Trustless Privacy-Preserving Data Aggregation on Ethereum with Hypercube Network Topology

TL;DR

This paper presents a scalable, privacy-preserving data aggregation protocol on Ethereum that combines cryptographic primitives and hypercube topology to enhance security and efficiency.

Contribution

It introduces a novel protocol integrating cryptography and hypercube topology for secure, scalable data aggregation on Ethereum with detailed security and performance analysis.

Findings

Protocol achieves secure summation with privacy guarantees.

Experimental results show manageable gas costs and proof times.

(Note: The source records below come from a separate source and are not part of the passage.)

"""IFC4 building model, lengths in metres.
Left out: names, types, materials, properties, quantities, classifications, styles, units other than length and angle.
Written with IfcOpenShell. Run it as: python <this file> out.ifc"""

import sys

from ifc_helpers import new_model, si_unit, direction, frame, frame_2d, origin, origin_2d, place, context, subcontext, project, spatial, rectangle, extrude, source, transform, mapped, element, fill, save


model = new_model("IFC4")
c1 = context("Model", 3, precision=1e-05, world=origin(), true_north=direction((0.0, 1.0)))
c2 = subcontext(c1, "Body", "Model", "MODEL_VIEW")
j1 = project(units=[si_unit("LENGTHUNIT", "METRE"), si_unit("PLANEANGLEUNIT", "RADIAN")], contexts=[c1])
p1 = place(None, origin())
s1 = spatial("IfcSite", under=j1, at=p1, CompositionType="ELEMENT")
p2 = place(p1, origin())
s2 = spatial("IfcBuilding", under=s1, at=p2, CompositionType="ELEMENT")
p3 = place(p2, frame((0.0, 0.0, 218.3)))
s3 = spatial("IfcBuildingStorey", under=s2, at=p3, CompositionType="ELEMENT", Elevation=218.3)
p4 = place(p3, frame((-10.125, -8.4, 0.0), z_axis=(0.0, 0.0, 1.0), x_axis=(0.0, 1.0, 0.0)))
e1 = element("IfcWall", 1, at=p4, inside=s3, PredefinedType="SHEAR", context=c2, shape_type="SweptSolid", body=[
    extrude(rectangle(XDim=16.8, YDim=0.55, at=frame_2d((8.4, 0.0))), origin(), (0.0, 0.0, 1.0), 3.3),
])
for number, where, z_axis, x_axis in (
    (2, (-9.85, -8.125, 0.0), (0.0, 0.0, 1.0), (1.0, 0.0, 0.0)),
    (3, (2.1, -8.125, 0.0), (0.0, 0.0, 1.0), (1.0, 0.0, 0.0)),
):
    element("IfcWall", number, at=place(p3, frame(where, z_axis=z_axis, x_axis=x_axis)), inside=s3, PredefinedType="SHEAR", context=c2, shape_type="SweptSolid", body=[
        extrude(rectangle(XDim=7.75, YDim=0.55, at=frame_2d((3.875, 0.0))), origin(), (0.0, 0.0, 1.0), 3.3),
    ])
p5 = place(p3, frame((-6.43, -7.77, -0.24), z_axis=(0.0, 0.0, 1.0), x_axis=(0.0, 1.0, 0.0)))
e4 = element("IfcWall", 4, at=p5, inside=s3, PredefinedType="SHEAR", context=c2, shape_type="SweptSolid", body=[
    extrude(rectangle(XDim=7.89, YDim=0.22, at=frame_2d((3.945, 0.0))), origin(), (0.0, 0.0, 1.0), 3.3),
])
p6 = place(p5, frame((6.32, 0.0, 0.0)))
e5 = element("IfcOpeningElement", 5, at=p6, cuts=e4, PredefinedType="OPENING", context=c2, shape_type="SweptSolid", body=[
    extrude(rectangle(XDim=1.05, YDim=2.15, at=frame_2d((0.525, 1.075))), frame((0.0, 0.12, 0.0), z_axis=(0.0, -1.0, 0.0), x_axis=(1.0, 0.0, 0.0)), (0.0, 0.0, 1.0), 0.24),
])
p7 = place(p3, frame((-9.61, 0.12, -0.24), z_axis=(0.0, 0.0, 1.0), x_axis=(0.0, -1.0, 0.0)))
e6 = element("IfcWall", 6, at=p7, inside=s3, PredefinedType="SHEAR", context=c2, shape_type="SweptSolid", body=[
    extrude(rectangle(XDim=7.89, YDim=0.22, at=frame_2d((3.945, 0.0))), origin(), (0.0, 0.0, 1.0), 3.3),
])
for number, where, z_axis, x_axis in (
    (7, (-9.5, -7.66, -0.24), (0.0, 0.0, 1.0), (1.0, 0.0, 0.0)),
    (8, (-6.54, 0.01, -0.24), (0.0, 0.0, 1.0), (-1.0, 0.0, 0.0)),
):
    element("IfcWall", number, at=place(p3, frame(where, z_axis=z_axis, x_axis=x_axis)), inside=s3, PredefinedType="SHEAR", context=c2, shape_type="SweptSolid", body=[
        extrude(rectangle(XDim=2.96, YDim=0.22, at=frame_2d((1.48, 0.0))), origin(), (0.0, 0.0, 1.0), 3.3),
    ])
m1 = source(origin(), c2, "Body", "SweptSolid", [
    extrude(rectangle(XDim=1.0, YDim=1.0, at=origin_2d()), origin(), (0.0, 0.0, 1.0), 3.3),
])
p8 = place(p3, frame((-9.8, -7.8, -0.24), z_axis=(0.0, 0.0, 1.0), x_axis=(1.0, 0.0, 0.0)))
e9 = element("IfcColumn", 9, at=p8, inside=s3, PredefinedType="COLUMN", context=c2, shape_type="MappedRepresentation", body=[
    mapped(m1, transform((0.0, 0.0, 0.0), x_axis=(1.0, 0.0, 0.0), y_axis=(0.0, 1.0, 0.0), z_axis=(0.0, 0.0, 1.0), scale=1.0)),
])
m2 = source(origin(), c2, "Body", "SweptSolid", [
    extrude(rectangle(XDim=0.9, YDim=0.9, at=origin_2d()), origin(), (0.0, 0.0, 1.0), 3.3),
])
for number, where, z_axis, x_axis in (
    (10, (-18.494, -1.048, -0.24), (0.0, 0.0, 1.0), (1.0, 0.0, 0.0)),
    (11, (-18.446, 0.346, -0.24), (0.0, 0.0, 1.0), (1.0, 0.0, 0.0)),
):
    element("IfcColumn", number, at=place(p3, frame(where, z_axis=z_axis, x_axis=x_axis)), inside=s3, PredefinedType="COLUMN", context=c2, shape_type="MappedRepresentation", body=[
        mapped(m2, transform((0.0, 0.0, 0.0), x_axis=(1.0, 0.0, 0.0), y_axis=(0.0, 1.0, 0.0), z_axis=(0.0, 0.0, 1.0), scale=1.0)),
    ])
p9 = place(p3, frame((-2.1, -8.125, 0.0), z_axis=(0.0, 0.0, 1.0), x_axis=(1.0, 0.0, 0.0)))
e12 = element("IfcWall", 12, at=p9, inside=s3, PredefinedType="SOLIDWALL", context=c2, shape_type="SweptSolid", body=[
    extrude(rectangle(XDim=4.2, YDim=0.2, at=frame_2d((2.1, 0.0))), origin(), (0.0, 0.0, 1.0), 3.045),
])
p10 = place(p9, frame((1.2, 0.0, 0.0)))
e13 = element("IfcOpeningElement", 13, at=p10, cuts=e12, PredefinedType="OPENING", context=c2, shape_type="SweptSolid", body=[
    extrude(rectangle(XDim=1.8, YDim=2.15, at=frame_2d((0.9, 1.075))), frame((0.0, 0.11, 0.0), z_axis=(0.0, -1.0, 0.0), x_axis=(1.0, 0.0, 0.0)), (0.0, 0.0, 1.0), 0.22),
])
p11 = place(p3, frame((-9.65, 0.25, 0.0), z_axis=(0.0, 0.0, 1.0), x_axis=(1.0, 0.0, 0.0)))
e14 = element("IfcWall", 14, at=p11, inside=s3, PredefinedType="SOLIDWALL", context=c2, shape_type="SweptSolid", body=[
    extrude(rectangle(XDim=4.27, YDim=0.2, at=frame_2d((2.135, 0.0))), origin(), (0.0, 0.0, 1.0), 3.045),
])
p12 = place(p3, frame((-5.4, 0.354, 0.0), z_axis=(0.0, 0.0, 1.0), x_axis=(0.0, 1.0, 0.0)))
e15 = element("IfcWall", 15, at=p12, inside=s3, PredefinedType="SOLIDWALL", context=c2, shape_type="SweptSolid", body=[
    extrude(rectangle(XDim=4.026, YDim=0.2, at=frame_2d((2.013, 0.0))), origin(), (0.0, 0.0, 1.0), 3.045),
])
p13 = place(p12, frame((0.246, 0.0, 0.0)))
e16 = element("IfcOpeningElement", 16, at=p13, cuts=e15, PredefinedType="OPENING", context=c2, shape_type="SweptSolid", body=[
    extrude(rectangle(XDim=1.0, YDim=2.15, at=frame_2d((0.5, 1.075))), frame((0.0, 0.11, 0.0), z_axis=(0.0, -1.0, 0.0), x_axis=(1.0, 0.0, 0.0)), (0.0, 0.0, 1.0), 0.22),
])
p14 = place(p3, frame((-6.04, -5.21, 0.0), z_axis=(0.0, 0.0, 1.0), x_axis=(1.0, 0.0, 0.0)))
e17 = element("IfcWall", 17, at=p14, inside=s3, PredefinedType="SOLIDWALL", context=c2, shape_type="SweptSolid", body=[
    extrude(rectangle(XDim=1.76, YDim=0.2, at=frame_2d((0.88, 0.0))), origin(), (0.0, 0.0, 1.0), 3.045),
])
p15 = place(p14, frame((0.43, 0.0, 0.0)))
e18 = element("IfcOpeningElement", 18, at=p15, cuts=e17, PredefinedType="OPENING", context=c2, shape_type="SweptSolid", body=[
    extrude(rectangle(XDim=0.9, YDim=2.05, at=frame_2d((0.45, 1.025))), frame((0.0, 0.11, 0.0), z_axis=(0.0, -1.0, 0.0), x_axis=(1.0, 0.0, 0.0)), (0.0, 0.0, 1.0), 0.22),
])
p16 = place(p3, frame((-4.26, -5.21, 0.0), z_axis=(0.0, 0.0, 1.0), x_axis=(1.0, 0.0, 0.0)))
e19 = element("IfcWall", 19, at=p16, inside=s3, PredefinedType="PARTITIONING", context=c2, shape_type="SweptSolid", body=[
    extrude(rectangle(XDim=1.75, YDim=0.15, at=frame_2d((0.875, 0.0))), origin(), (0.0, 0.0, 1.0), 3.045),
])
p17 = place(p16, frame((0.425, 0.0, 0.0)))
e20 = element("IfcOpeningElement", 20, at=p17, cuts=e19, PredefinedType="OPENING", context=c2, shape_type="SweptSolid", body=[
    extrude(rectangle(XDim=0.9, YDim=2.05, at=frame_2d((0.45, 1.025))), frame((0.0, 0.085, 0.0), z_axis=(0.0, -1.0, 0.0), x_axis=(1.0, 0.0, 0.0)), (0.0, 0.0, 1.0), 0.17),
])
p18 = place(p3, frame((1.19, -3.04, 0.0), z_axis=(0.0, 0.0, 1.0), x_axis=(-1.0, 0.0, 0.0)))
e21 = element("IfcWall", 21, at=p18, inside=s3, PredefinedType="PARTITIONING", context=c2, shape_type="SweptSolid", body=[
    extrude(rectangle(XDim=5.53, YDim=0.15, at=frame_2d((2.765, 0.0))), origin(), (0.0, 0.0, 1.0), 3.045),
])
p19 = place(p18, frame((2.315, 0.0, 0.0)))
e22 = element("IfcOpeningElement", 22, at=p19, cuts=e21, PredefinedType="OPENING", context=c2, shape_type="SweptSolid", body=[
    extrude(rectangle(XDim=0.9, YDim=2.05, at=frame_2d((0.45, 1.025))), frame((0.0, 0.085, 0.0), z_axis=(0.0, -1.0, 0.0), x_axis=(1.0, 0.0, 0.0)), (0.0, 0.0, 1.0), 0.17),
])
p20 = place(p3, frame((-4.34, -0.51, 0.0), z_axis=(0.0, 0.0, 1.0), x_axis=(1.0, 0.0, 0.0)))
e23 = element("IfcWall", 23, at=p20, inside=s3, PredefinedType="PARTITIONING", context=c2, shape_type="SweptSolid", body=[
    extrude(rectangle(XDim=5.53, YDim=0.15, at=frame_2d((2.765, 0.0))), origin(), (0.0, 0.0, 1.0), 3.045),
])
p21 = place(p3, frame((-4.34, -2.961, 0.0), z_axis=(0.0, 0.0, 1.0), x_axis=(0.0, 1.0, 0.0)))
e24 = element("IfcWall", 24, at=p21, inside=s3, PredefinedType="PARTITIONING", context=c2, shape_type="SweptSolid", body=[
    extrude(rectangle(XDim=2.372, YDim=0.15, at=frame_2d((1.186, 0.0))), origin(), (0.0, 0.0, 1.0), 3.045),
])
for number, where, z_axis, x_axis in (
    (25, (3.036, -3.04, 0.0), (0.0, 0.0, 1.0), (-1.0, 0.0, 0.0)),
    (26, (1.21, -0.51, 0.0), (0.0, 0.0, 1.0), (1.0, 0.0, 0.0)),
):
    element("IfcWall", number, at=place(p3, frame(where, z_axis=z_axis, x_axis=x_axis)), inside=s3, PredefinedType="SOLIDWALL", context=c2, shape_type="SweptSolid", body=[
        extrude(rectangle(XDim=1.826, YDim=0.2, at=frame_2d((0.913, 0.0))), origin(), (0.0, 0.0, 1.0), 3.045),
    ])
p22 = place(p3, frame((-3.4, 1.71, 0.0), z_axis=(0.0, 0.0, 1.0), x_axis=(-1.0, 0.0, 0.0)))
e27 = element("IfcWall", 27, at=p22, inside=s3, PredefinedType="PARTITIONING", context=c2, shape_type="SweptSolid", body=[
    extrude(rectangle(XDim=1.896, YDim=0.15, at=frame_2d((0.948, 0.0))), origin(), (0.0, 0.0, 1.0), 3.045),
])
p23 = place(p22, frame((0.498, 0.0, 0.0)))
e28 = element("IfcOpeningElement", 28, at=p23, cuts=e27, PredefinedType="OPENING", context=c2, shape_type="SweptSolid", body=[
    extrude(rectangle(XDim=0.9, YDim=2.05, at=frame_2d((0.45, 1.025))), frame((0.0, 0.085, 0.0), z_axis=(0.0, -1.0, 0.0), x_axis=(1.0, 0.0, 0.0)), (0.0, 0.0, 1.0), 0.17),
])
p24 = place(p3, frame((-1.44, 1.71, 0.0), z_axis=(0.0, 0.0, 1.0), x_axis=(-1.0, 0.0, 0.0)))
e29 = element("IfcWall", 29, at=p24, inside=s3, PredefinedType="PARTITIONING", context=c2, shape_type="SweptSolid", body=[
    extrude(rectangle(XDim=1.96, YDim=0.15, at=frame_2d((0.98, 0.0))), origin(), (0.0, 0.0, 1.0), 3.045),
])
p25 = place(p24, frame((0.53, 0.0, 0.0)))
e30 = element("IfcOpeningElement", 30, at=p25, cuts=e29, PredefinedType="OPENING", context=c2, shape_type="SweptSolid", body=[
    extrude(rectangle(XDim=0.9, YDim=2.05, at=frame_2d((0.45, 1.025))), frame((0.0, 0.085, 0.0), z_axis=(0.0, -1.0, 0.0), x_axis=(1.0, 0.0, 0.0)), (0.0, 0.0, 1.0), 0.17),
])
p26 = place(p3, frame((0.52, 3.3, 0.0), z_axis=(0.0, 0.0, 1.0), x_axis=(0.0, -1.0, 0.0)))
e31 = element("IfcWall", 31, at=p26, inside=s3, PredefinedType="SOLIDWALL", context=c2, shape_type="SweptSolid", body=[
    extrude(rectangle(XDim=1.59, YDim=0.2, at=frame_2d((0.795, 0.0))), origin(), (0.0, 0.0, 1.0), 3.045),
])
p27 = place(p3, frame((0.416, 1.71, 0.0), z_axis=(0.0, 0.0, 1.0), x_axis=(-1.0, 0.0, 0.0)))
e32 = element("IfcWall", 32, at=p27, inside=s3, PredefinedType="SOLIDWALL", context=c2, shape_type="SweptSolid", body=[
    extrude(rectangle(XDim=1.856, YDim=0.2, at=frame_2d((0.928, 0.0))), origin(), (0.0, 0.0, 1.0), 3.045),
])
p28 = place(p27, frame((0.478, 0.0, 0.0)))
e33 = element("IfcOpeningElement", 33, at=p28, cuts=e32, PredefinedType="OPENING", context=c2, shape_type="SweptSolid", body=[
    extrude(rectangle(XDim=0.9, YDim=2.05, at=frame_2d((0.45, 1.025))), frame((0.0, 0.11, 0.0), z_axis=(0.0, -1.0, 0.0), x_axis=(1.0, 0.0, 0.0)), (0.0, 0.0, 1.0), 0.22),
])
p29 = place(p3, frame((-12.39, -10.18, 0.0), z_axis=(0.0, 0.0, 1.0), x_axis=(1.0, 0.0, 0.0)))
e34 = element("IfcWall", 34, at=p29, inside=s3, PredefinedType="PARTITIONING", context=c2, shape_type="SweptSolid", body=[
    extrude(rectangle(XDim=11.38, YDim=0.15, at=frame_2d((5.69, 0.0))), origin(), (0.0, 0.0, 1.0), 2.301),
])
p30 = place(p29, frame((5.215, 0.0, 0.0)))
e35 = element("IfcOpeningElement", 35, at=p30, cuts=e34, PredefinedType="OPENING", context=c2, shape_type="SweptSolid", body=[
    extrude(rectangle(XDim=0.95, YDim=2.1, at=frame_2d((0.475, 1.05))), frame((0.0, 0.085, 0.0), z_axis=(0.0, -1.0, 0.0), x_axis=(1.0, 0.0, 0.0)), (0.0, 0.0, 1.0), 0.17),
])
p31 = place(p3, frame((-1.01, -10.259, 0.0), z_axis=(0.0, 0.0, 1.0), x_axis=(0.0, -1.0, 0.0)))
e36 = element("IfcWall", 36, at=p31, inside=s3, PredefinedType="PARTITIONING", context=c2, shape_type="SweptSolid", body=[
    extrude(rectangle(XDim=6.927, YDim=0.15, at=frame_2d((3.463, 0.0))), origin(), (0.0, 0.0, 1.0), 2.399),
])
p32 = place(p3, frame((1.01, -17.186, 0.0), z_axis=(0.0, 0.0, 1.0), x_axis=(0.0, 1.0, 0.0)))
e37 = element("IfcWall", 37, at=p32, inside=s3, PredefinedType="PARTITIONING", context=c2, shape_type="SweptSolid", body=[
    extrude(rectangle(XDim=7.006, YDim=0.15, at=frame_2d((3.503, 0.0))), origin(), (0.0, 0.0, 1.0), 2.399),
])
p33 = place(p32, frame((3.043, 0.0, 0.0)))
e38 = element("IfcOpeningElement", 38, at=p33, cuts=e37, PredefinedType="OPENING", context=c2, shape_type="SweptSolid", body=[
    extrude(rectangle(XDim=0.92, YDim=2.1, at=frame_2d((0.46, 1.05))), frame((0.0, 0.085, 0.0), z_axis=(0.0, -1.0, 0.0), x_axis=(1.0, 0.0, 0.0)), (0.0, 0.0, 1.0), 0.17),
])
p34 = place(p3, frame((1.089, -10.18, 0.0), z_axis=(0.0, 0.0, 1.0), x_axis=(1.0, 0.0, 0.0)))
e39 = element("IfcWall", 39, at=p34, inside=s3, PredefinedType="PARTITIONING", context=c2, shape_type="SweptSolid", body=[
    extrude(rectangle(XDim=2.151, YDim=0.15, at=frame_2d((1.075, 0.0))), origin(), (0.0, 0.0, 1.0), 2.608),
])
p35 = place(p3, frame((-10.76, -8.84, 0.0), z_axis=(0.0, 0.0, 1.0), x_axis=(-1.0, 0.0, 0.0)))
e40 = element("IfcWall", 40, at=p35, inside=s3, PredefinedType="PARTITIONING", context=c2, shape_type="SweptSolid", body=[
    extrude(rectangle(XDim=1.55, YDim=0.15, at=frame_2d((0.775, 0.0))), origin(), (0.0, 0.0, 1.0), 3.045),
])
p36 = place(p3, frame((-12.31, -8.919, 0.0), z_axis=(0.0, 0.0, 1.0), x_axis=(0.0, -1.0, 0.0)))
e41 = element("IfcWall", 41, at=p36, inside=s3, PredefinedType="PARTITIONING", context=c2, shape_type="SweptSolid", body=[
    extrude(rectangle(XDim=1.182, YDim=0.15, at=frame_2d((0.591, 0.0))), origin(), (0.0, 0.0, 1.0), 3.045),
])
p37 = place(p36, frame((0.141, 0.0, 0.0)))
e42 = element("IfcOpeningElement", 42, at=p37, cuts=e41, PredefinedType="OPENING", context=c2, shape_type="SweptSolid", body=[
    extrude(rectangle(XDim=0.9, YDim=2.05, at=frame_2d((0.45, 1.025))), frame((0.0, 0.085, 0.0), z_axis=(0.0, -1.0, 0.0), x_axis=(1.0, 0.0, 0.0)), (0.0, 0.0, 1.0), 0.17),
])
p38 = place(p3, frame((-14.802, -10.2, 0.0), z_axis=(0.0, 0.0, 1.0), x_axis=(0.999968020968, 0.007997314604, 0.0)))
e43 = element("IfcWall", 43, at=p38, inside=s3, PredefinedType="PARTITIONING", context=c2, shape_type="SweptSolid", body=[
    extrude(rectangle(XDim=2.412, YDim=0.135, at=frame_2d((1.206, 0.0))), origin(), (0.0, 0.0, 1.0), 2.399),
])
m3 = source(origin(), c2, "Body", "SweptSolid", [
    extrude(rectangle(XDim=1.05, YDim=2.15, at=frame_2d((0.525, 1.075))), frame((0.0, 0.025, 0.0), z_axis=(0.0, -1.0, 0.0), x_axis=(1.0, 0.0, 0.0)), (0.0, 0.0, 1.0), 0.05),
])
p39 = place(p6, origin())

Scalability is demonstrated with increasing user numbers.

Abstract

The privacy-preserving data aggregation is a critical problem for many applications where multiple parties need to collaborate with each other privately to arrive at certain results. Blockchain, as a database shared across the network, provides an underlying platform on which such aggregations can be carried out with a decentralized manner. Therefore, in this paper, we have proposed a scalable privacy-preserving data aggregation protocol for summation on the Ethereum blockchain by integrating several cryptographic primitives including commitment scheme, asymmetric encryption and zero-knowledge proof along with the hypercube network topology. The protocol consists of four stages as contract deployment, user registration, private submission and proof verification. The analysis of the protocol is made with respect to two main perspectives as security and scalability including computational, communicational and storage overheads. In the paper, the zero-knowledge proof, smart contract and web user interface models for the protocol are provided. We have performed an experimental study in order to identify the required gas costs per individual and per system. The general formulation is provided to characterize the changes in gas costs for the increasing number of users. The zero-knowledge proof generation and verification times are also measured.